Antidepressant compounds can be both pro- and anti-inflammatory in human hippocampal cells

The increasingly recognised role of inflammation in the pathogenesis and prognosis of depression has led to a renewed focus on the immunomodulatory properties of compounds with antidepressant action. Studies have so far explored such properties in human blood samples and in animal models. Here we used the more relevant model of human hippocampal progenitor cells exposed to an inflammatory milieu, induced by treatment with IL-1β. This increased the levels of a series of cytokines and chemokines produced by the cells, including a dose- and time-dependent increase of IL-6. We investigated the immunomodulatory properties of four monoaminergic antidepressants, venlafaxine, sertraline, moclobemide and agomelatine, and two omega-3 polyunsaturated fatty acids (n-3 PUFAs), eicosapentanoic acid (EPA) and docosahexanoic acid (DHA).
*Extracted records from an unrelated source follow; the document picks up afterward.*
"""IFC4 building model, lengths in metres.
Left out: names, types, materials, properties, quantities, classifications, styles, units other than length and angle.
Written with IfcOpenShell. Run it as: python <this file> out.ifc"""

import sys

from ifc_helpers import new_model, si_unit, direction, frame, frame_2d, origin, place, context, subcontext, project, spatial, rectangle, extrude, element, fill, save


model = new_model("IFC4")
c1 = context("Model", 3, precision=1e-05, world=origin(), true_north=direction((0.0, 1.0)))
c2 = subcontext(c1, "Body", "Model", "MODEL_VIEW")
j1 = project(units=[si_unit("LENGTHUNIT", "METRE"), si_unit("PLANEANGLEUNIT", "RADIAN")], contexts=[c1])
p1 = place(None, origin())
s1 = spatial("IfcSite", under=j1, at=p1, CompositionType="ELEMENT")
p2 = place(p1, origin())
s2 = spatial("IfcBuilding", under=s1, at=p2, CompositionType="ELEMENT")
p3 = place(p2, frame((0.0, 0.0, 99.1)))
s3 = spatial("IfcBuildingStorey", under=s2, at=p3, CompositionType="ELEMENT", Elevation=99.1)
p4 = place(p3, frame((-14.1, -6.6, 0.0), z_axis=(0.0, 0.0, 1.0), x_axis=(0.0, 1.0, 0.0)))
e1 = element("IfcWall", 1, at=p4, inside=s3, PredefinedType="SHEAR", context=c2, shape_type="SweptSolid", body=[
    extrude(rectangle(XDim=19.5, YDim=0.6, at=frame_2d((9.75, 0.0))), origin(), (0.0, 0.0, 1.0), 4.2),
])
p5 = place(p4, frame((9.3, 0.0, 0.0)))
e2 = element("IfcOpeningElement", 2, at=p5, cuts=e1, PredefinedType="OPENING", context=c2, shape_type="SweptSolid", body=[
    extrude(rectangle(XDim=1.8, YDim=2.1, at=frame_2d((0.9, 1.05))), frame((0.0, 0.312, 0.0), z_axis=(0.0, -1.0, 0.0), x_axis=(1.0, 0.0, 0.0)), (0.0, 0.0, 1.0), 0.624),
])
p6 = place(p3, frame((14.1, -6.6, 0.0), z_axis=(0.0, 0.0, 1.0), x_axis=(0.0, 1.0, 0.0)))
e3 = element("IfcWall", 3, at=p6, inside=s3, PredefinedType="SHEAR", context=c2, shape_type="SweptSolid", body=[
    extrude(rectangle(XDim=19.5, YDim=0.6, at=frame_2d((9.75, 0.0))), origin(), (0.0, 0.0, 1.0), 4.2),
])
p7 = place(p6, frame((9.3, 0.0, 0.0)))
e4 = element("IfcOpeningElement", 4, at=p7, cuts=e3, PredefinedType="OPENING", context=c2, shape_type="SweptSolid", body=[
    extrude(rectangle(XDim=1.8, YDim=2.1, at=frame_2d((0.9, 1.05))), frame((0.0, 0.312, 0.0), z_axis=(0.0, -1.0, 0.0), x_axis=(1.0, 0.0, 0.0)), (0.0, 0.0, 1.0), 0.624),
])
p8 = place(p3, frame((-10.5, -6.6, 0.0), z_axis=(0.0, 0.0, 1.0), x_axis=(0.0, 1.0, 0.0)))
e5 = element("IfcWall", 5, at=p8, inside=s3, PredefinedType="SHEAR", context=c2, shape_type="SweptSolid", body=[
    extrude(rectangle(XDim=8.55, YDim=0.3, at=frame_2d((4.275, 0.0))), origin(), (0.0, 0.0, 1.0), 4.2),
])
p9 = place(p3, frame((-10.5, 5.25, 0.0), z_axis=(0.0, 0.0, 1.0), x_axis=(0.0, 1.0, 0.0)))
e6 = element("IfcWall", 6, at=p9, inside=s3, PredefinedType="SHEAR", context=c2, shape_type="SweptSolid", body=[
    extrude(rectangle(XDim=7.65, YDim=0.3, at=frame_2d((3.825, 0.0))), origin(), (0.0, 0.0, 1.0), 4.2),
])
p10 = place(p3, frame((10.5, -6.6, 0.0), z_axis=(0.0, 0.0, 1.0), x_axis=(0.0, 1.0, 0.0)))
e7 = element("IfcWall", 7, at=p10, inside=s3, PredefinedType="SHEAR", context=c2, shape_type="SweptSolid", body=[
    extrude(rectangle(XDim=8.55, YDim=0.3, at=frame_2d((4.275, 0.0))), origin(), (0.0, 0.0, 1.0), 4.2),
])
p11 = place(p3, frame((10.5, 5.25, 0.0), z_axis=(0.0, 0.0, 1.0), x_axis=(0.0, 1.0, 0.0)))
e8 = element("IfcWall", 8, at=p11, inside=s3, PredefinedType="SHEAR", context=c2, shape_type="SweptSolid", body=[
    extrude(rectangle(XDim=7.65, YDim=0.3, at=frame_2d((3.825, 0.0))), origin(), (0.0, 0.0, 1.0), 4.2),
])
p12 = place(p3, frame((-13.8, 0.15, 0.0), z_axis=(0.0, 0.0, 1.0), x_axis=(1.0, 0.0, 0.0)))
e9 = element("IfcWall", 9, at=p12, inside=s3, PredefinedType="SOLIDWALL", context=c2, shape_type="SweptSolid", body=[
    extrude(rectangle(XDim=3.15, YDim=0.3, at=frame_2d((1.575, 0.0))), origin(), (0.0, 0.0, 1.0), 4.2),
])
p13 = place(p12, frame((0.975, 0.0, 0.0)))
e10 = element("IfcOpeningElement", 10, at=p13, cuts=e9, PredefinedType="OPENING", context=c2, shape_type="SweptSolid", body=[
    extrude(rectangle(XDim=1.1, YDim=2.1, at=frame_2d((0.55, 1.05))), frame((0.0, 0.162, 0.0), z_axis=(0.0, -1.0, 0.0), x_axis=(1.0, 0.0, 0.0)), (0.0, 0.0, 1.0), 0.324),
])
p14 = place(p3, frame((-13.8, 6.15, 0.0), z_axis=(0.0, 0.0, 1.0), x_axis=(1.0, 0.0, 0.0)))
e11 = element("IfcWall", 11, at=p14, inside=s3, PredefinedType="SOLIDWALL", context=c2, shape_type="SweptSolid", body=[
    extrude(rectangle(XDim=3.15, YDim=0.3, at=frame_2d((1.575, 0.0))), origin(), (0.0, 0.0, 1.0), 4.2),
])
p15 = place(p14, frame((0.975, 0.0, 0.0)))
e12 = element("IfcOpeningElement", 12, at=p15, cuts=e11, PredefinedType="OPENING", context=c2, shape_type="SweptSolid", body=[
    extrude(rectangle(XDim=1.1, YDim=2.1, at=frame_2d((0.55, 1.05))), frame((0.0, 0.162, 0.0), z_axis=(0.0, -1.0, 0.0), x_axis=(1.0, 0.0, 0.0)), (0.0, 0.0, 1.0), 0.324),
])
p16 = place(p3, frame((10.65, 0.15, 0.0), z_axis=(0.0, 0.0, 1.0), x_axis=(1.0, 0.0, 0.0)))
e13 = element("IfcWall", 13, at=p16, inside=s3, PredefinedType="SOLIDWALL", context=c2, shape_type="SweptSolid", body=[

We found that venlafaxine and EPA were anti-inflammatory: venlafaxine decreased IL-6, with a trend for decrease of IL-8 and IP-10, while EPA decreased the levels of IL-6, IL-15, IL-1RA, and IP-10. These effects were associated with a corresponding decrease in NF-kB activity. Unexpectedly, sertraline and DHA had pro-inflammatory effects, increasing IFN-α and IL-6, and IL-15, IL-1RA, IFN-α and IL-6, respectively, though these changes were also associated with a decrease in NF-kB activity, suggesting distinct modes of action. Agomelatine and moclobemide had no effect on IL-6 secretion. These observations indicate that monoaminergic antidepressants and n-3 PUFAs have distinctive effects on immune processes in human neural cells. Further characterisation of these actions may enable more effective personalisation of treatment based on the inflammatory status of patients.